Imputed missing values
The dataset contains missing observations for two years: 1890 and 1934. PyMC automatically created latent variables to model these missing values and sampled them as part of the inference process. You can access the imputed values from the posterior:
# Imputed missing values (posterior predictive)
with disasters_model:
ppc = pm.sample_posterior_predictive(trace, var_names=["obs"], random_seed=42)
# The missing values are stored in idata.posterior['disasters_unobserved']
# ppc["obs"] has shape (draws, years). For missing-year index i, summarize ppc["obs"][ :, i]
Because PyMC created latent variables for missing entries (accessible as disasters_unobserved in the trace), the posterior predictive draws include draws for those years and give an imputed distribution. This allows us to:
- Estimate the likely number of disasters in the missing years
- Quantify our uncertainty about those estimates
- Use the complete dataset for prediction and model checking
The missing data points are particularly interesting: 1890 falls right at the estimated switchpoint, while 1934 is well into the late period with lower disaster rates.
Practical tips
- Discrete parameters cannot be handled by gradient-based samplers. Use a mixture of samplers (Metropolis / CompoundStep + NUTS) or marginalize discrete parameters analytically if possible.
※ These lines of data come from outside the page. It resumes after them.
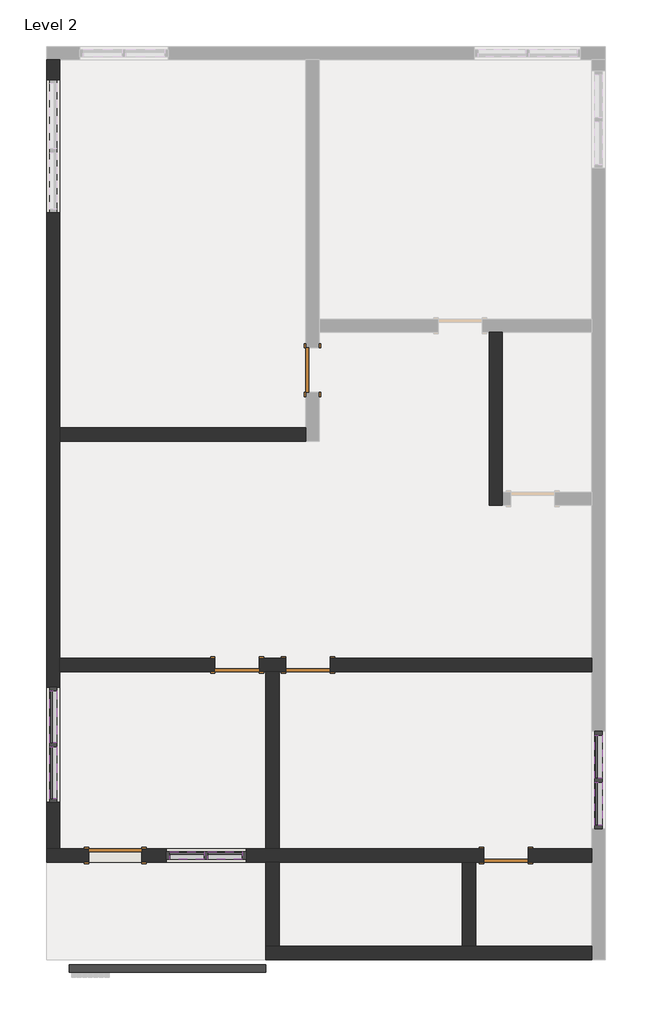
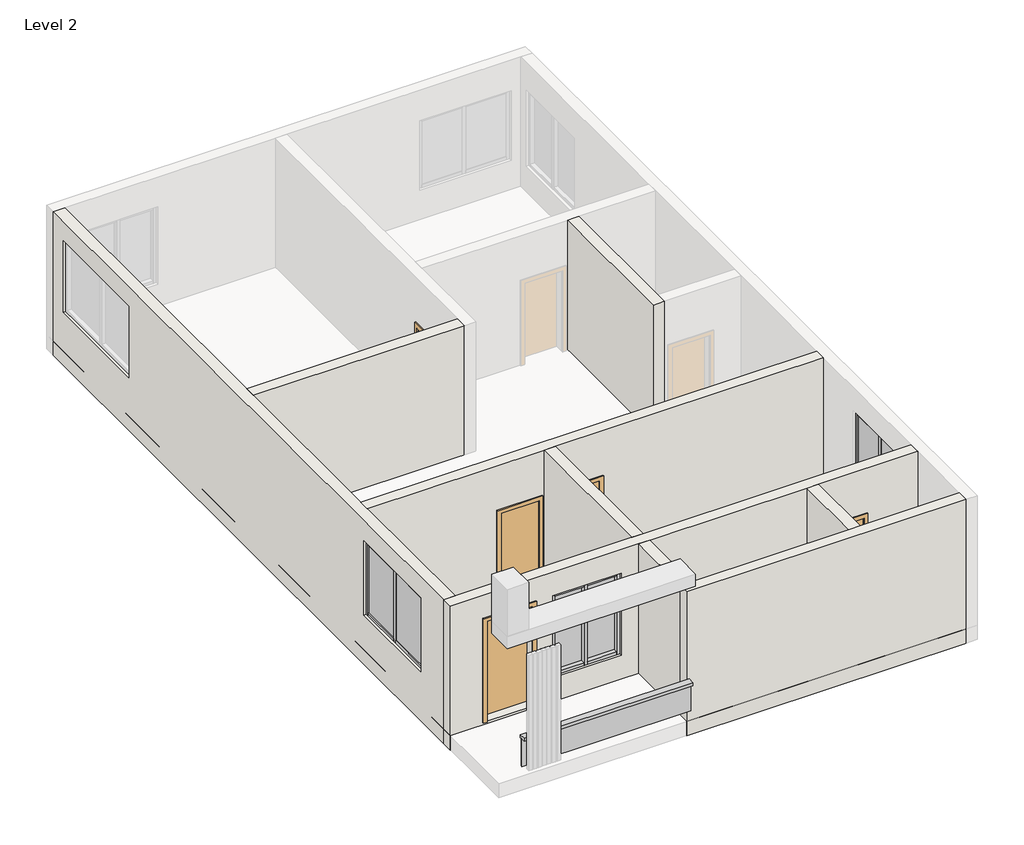
# One storey, part 1 of 2: 22 members, 9 walls, 7 plates, 5 doors.
"""IFC4 building model written with IfcOpenShell, lengths in millimetres."""

from ifc_helpers import new_model, si_unit, frame, origin, place, context, project, spatial, polyline, outline, extrude, faceted_brep, transform, mapped, element, save
from components import door_85036156, door_a1484949, door_a90ba1ad, member_e5d39754, member_064e5e56, member_82128145, member_3a0a7659, member_1e0be150, member_8ed2a5b7, member_f1f71bde, member_2820fca8, member_acc0cca9, member_6024fe87, system_panel_glazed_b741adec, system_panel_glazed_21f1ffe3, system_panel_glazed_27a553ef, system_panel_glazed_f75d5544

model = new_model("IFC4")

# Units and contexts
model_context = context("Model", 3, world=origin())
ifc_project = project(units=[si_unit("LENGTHUNIT", "METRE", prefix="MILLI")], contexts=[model_context])

# Site, building, storey
site = spatial("IfcSite", under=ifc_project)
building = spatial("IfcBuilding", under=site)
storey = spatial("IfcBuildingStorey", under=building, Name="Level 2", Elevation=3048.0)

# Doors
placement = place(None, origin())
door_shape = door_85036156(model_context)
element("IfcDoor", 1, ObjectType="Single-Flush : 30\" x 80\"", at=placement, inside=storey, context=model_context, shape_type="MappedRepresentation", body=[
    mapped(door_shape, transform((-12598.829521, -9273.5001929, 3048.0), x_axis=(1.0, 0.0, 0.0), y_axis=(0.0, 1.0, 0.0), z_axis=(0.0, 0.0, 1.0))),
])
door_2_shape = door_a1484949(model_context)
element("IfcDoor", 2, ObjectType="Single-Flush : 30\" x 80\"", at=placement, inside=storey, context=model_context, shape_type="MappedRepresentation", body=[
    mapped(door_2_shape, transform((-11379.629521, -9273.5001929, 3048.0), x_axis=(-1.0, 0.0, 0.0), y_axis=(0.0, -1.0, 0.0), z_axis=(0.0, 0.0, 1.0))),
])
element("IfcDoor", 3, ObjectType="Single-Flush : 30\" x 80\"", at=placement, inside=storey, context=model_context, shape_type="MappedRepresentation", body=[
    mapped(door_2_shape, transform((-7976.029521, -12550.1001929, 3048.0), x_axis=(-1.0, 0.0, 0.0), y_axis=(0.0, -1.0, 0.0), z_axis=(0.0, 0.0, 1.0))),
])
element("IfcDoor", 4, ObjectType="Single-Flush : 30\" x 80\"", at=placement, inside=storey, context=model_context, shape_type="MappedRepresentation", body=[
    mapped(door_2_shape, transform((-11303.429521, -4206.2001929, 3048.0), x_axis=(0.0, 1.0, 0.0), y_axis=(-1.0, 0.0, 0.0), z_axis=(0.0, 0.0, 1.0))),
])
door_3_shape = door_a90ba1ad(model_context)
element("IfcDoor", 5, ObjectType="Single-Flush : 36\" x 84\"", at=placement, inside=storey, context=model_context, shape_type="MappedRepresentation", body=[
    mapped(door_3_shape, transform((-14694.329521, -12550.1001929, 3403.6), x_axis=(-1.0, 0.0, 0.0), y_axis=(0.0, -1.0, 0.0), z_axis=(0.0, 0.0, 1.0))),
])

# Members
member_shape = member_e5d39754(model_context)
element("IfcMember", 6, ObjectType="Rectangular Mullion : 2.5\" x 5\" rectangular", at=placement, inside=storey, context=model_context, shape_type="MappedRepresentation", body=[
    mapped(member_shape, transform((-13163.979521, -12550.1001929, 5594.0897089), x_axis=(0.0, 0.0, 1.0), y_axis=(0.0, -1.0, 0.0), z_axis=(1.0, 0.0, 0.0))),
])
element("IfcMember", 7, ObjectType="Rectangular Mullion : 2.5\" x 5\" rectangular", at=placement, inside=storey, context=model_context, shape_type="MappedRepresentation", body=[
    mapped(member_shape, transform((-12509.929521, -12550.1001929, 5594.0897089), x_axis=(0.0, 0.0, 1.0), y_axis=(0.0, -1.0, 0.0), z_axis=(1.0, 0.0, 0.0))),
])
member_2_shape = member_064e5e56(model_context)
element("IfcMember", 8, ObjectType="Rectangular Mullion : 2.5\" x 5\" rectangular", at=placement, inside=storey, context=model_context, shape_type="MappedRepresentation", body=[
    mapped(member_2_shape, transform((-13132.229521, -12550.1001929, 3857.9365624), x_axis=(1.0, 0.0, 0.0), y_axis=(0.0, -1.0, 0.0), z_axis=(0.0, 0.0, -1.0))),
])
element("IfcMember", 9, ObjectType="Rectangular Mullion : 2.5\" x 5\" rectangular", at=placement, inside=storey, context=model_context, shape_type="MappedRepresentation", body=[
    mapped(member_shape, transform((-13100.479521, -12550.1001929, 3857.9365624), x_axis=(0.0, 0.0, -1.0), y_axis=(0.0, -1.0, 0.0), z_axis=(-1.0, 0.0, 0.0))),
])
element("IfcMember", 10, ObjectType="Rectangular Mullion : 2.5\" x 5\" rectangular", at=placement, inside=storey, context=model_context, shape_type="MappedRepresentation", body=[
    mapped(member_shape, transform((-13754.529521, -12550.1001929, 3857.9365624), x_axis=(0.0, 0.0, -1.0), y_axis=(0.0, -1.0, 0.0), z_axis=(-1.0, 0.0, 0.0))),
])
member_3_shape = member_82128145(model_context)
element("IfcMember", 11, ObjectType="Rectangular Mullion : 2.5\" x 5\" rectangular", at=placement, inside=storey, context=model_context, shape_type="MappedRepresentation", body=[
    mapped(member_3_shape, transform((-12446.429521, -12550.1001929, 3857.9365624), x_axis=(1.0, 0.0, 0.0), y_axis=(0.0, -1.0, 0.0), z_axis=(0.0, 0.0, -1.0))),
])
element("IfcMember", 12, ObjectType="Rectangular Mullion : 2.5\" x 5\" rectangular", at=placement, inside=storey, context=model_context, shape_type="MappedRepresentation", body=[
    mapped(member_3_shape, transform((-13818.029521, -12550.1001929, 5594.0897089), x_axis=(-1.0, 0.0, 0.0), y_axis=(0.0, -1.0, 0.0), z_axis=(0.0, 0.0, 1.0))),
])
member_4_shape = member_3a0a7659(model_context)
element("IfcMember", 13, ObjectType="Rectangular Mullion : 2.5\" x 5\" rectangular", at=placement, inside=storey, context=model_context, shape_type="MappedRepresentation", body=[
    mapped(member_4_shape, transform((-6388.529521, -11286.4501929, 5595.2359655), x_axis=(0.0, 0.0, 1.0), y_axis=(1.0, 0.0, 0.0), z_axis=(0.0, 1.0, 0.0))),
])
element("IfcMember", 14, ObjectType="Rectangular Mullion : 2.5\" x 5\" rectangular", at=placement, inside=storey, context=model_context, shape_type="MappedRepresentation", body=[
    mapped(member_4_shape, transform((-6388.529521, -10480.0001929, 5595.2359655), x_axis=(0.0, 0.0, 1.0), y_axis=(1.0, 0.0, 0.0), z_axis=(0.0, 1.0, 0.0))),
])
member_5_shape = member_1e0be150(model_context)
element("IfcMember", 15, ObjectType="Rectangular Mullion : 2.5\" x 5\" rectangular", at=placement, inside=storey, context=model_context, shape_type="MappedRepresentation", body=[
    mapped(member_5_shape, transform((-6388.529521, -11254.7001929, 3941.2993086), x_axis=(0.0, 1.0, 0.0), y_axis=(1.0, 0.0, 0.0), z_axis=(0.0, 0.0, -1.0))),
])
element("IfcMember", 16, ObjectType="Rectangular Mullion : 2.5\" x 5\" rectangular", at=placement, inside=storey, context=model_context, shape_type="MappedRepresentation", body=[
    mapped(member_4_shape, transform((-6388.529521, -11222.9501929, 3941.2993086), x_axis=(0.0, 0.0, -1.0), y_axis=(1.0, 0.0, 0.0), z_axis=(0.0, -1.0, 0.0))),
])
element("IfcMember", 17, ObjectType="Rectangular Mullion : 2.5\" x 5\" rectangular", at=placement, inside=storey, context=model_context, shape_type="MappedRepresentation", body=[
    mapped(member_4_shape, transform((-6388.529521, -12029.4001929, 3941.2993086), x_axis=(0.0, 0.0, -1.0), y_axis=(1.0, 0.0, 0.0), z_axis=(0.0, -1.0, 0.0))),
])
member_6_shape = member_8ed2a5b7(model_context)
element("IfcMember", 18, ObjectType="Rectangular Mullion : 2.5\" x 5\" rectangular", at=placement, inside=storey, context=model_context, shape_type="MappedRepresentation", body=[
    mapped(member_6_shape, transform((-6388.529521, -10416.5001929, 3941.2993086), x_axis=(0.0, 1.0, 0.0), y_axis=(1.0, 0.0, 0.0), z_axis=(0.0, 0.0, -1.0))),
])
element("IfcMember", 19, ObjectType="Rectangular Mullion : 2.5\" x 5\" rectangular", at=placement, inside=storey, context=model_context, shape_type="MappedRepresentation", body=[
    mapped(member_6_shape, transform((-6388.529521, -12092.9001929, 5595.2359655), x_axis=(0.0, -1.0, 0.0), y_axis=(1.0, 0.0, 0.0), z_axis=(0.0, 0.0, 1.0))),
])
member_7_shape = member_f1f71bde(model_context)
element("IfcMember", 20, ObjectType="Rectangular Mullion : 2.5\" x 5\" rectangular", at=placement, inside=storey, context=model_context, shape_type="MappedRepresentation", body=[
    mapped(member_7_shape, transform((-15761.129521, -10676.8501929, 5653.9047342), x_axis=(0.0, 0.0, 1.0), y_axis=(1.0, 0.0, 0.0), z_axis=(0.0, 1.0, 0.0))),
])
element("IfcMember", 21, ObjectType="Rectangular Mullion : 2.5\" x 5\" rectangular", at=placement, inside=storey, context=model_context, shape_type="MappedRepresentation", body=[
    mapped(member_7_shape, transform((-15761.129521, -9718.0001929, 5653.9047342), x_axis=(0.0, 0.0, 1.0), y_axis=(1.0, 0.0, 0.0), z_axis=(0.0, 1.0, 0.0))),
])
member_8_shape = member_2820fca8(model_context)
element("IfcMember", 22, ObjectType="Rectangular Mullion : 2.5\" x 5\" rectangular", at=placement, inside=storey, context=model_context, shape_type="MappedRepresentation", body=[
    mapped(member_8_shape, transform((-15761.129521, -10645.1001929, 4083.4359822), x_axis=(0.0, 1.0, 0.0), y_axis=(1.0, 0.0, 0.0), z_axis=(0.0, 0.0, -1.0))),
])
element("IfcMember", 23, ObjectType="Rectangular Mullion : 2.5\" x 5\" rectangular", at=placement, inside=storey, context=model_context, shape_type="MappedRepresentation", body=[
    mapped(member_7_shape, transform((-15761.129521, -10613.3501929, 4083.4359822), x_axis=(0.0, 0.0, -1.0), y_axis=(1.0, 0.0, 0.0), z_axis=(0.0, -1.0, 0.0))),
])
element("IfcMember", 24, ObjectType="Rectangular Mullion : 2.5\" x 5\" rectangular", at=placement, inside=storey, context=model_context, shape_type="MappedRepresentation", body=[
    mapped(member_7_shape, transform((-15761.129521, -11572.2001929, 4083.4359822), x_axis=(0.0, 0.0, -1.0), y_axis=(1.0, 0.0, 0.0), z_axis=(0.0, -1.0, 0.0))),
])
member_9_shape = member_acc0cca9(model_context)
element("IfcMember", 25, ObjectType="Rectangular Mullion : 2.5\" x 5\" rectangular", at=placement, inside=storey, context=model_context, shape_type="MappedRepresentation", body=[
    mapped(member_9_shape, transform((-15761.129521, -11635.7001929, 5653.9047342), x_axis=(0.0, -1.0, 0.0), y_axis=(1.0, 0.0, 0.0), z_axis=(0.0, 0.0, 1.0))),
])
element("IfcMember", 26, ObjectType="Rectangular Mullion : 2.5\" x 5\" rectangular", at=placement, inside=storey, context=model_context, shape_type="MappedRepresentation", body=[
    mapped(member_9_shape, transform((-15761.129521, -9654.5001929, 4083.4359822), x_axis=(0.0, 1.0, 0.0), y_axis=(1.0, 0.0, 0.0), z_axis=(0.0, 0.0, -1.0))),
])
member_10_shape = member_6024fe87(model_context)
element("IfcMember", 27, ObjectType="Rectangular Mullion : 2.5\" x 5\" rectangular", at=placement, inside=storey, context=model_context, shape_type="MappedRepresentation", body=[
    mapped(member_10_shape, transform((-12103.529521, -14493.2001929, 4306.1687666), x_axis=(0.0, 0.0, 1.0), y_axis=(0.0, -1.0, 0.0), z_axis=(1.0, 0.0, 0.0))),
])

# Plates
system_panel_glazed_shape = system_panel_glazed_b741adec(model_context)
element("IfcPlate", 28, ObjectType="System Panel : Glazed", at=placement, inside=storey, context=model_context, shape_type="MappedRepresentation", body=[
    mapped(system_panel_glazed_shape, transform((-13459.254521, -12550.1001929, 3921.4365624), x_axis=(1.0, 0.0, 0.0), y_axis=(0.0, 1.0, 0.0), z_axis=(0.0, 0.0, 1.0))),
])
element("IfcPlate", 29, ObjectType="System Panel : Glazed", at=placement, inside=storey, context=model_context, shape_type="MappedRepresentation", body=[
    mapped(system_panel_glazed_shape, transform((-12805.204521, -12550.1001929, 3921.4365624), x_axis=(1.0, 0.0, 0.0), y_axis=(0.0, 1.0, 0.0), z_axis=(0.0, 0.0, 1.0))),
])
system_panel_glazed_2_shape = system_panel_glazed_21f1ffe3(model_context)
element("IfcPlate", 30, ObjectType="System Panel : Glazed", at=placement, inside=storey, context=model_context, shape_type="MappedRepresentation", body=[
    mapped(system_panel_glazed_2_shape, transform((-6388.529521, -11657.9251929, 4004.7993086), x_axis=(0.0, 1.0, 0.0), y_axis=(-1.0, 0.0, 0.0), z_axis=(0.0, 0.0, 1.0))),
])
element("IfcPlate", 31, ObjectType="System Panel : Glazed", at=placement, inside=storey, context=model_context, shape_type="MappedRepresentation", body=[
    mapped(system_panel_glazed_2_shape, transform((-6388.529521, -10851.4751929, 4004.7993086), x_axis=(0.0, 1.0, 0.0), y_axis=(-1.0, 0.0, 0.0), z_axis=(0.0, 0.0, 1.0))),
])
system_panel_glazed_3_shape = system_panel_glazed_27a553ef(model_context)
element("IfcPlate", 32, ObjectType="System Panel : Glazed", at=placement, inside=storey, context=model_context, shape_type="MappedRepresentation", body=[
    mapped(system_panel_glazed_3_shape, transform((-15761.129521, -11124.5251929, 4146.9359822), x_axis=(0.0, 1.0, 0.0), y_axis=(-1.0, 0.0, 0.0), z_axis=(0.0, 0.0, 1.0))),
])
element("IfcPlate", 33, ObjectType="System Panel : Glazed", at=placement, inside=storey, context=model_context, shape_type="MappedRepresentation", body=[
    mapped(system_panel_glazed_3_shape, transform((-15761.129521, -10165.6751929, 4146.9359822), x_axis=(0.0, 1.0, 0.0), y_axis=(-1.0, 0.0, 0.0), z_axis=(0.0, 0.0, 1.0))),
])
system_panel_glazed_4_shape = system_panel_glazed_f75d5544(model_context)
element("IfcPlate", 34, ObjectType="System Panel : Glazed", at=placement, inside=storey, context=model_context, shape_type="MappedRepresentation", body=[
    mapped(system_panel_glazed_4_shape, transform((-13795.5232683, -14493.2001929, 3657.6), x_axis=(1.0, 0.0, 0.0), y_axis=(0.0, 1.0, 0.0), z_axis=(0.0, 0.0, 1.0))),
])

# Walls
element("IfcWall", 35, ObjectType="9\"", at=placement, inside=storey, context=model_context, shape_type="Brep", body=[
    faceted_brep([(-6502.829521, -14112.2001929, 3048.0), (-8496.729521, -14112.2001929, 3048.0), (-8725.329521, -14112.2001929, 3048.0), (-11874.929521, -14112.2001929, 3048.0), (-12103.529521, -14112.2001929, 3048.0), (-12103.529521, -14112.2001929, 6096.0), (-11874.929521, -14112.2001929, 6096.0), (-8725.329521, -14112.2001929, 6096.0), (-8496.729521, -14112.2001929, 6096.0), (-6502.829521, -14112.2001929, 6096.0), (-6502.829521, -14340.8001929, 3048.0), (-6502.829521, -14340.8001929, 6096.0), (-12103.529521, -14340.8001929, 6096.0), (-12103.529521, -14340.8001929, 3048.0)], [[[0, 1, 2, 3, 4, 5, 6, 7, 8, 9]], [[10, 11, 12, 13]], [[4, 3, 2, 1, 0, 10, 13]], [[9, 8, 7, 6, 5, 12, 11]], [[0, 9, 11, 10]], [[5, 4, 13, 12]]]),
])
element("IfcWall", 36, ObjectType="9\"", at=placement, inside=storey, context=model_context, shape_type="SweptSolid", body=[
    extrude(outline(polyline([(-11874.929521, -12664.4001929), (-11874.929521, -14112.2001929), (-12103.529521, -14112.2001929), (-12103.529521, -12664.4001929), (-11874.929521, -12664.4001929)])), frame((0.0, 0.0, 3048.0), z_axis=(0.0, 0.0, 1.0), x_axis=(1.0, 0.0, 0.0)), (0.0, 0.0, 1.0), 3048.0),
])
element("IfcWall", 37, ObjectType="9\"", at=placement, inside=storey, context=model_context, shape_type="Brep", body=[
    faceted_brep([(-15875.429521, -12435.8001929, 6096.0), (-15646.829521, -12435.8001929, 6096.0), (-12103.529521, -12435.8001929, 6096.0), (-11874.929521, -12435.8001929, 6096.0), (-6502.829521, -12435.8001929, 6096.0), (-6502.829521, -12435.8001929, 3048.0), (-7595.029521, -12435.8001929, 3048.0), (-7595.029521, -12435.8001929, 5080.0), (-8357.029521, -12435.8001929, 5080.0), (-8357.029521, -12435.8001929, 3048.0), (-11874.929521, -12435.8001929, 3048.0), (-12103.529521, -12435.8001929, 3048.0), (-15646.829521, -12435.8001929, 3048.0), (-15875.429521, -12435.8001929, 3048.0), (-15151.529521, -12435.8001929, 3403.6), (-14237.129521, -12435.8001929, 3403.6), (-14237.129521, -12435.8001929, 5537.2), (-15151.529521, -12435.8001929, 5537.2), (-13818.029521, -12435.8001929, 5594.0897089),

- For short time series with small counts, the Poisson model is appropriate. For over-dispersed data consider a Negative Binomial likelihood instead.
- Visualize the posterior on the switch-point as a histogram (or rug plot over years) to see the probable change interval, not a single point estimate.
- Use posterior predictive checks to confirm the model reproduces the shape and variability of the data.
Extensions
- Allow multiple change-points (e.g., two or more): discrete combinatorics grow quickly; hierarchical priors and reversible-jump approaches are possible but more advanced.
- Model seasonality or covariates: include time-varying covariates or a latent Gaussian process for a smoothly varying rate.
- Marginalize discrete parameters: in some conjugate models you can sum/integrate out the discrete variable analytically to keep everything continuous.
Next steps
For advanced topics like creating custom operations and distributions in PyMC, see PyMC 201: Advanced Topics.
Summary
Change-point models are an excellent first application of Bayesian techniques for count time series. This case study demonstrates how PyMC handles missing observations and how to combine samplers to infer discrete parameters. The coal-mining disasters example remains a compact and instructive problem for learning these techniques.
Key takeaways:
- Mixed sampling strategies allow us to handle models with both discrete and continuous parameters
- Missing data is handled automatically by PyMC when you pass arrays with
NaNvalues - pm.math.switch provides differentiable conditional logic for piecewise functions
- Convergence diagnostics (r_hat, ESS) are essential for validating MCMC results
- Visualization of the change-point and HDI intervals helps communicate uncertainty
The model successfully identified a significant reduction in coal mining disasters around 1890, corresponding to improved safety regulations in the late 19th century.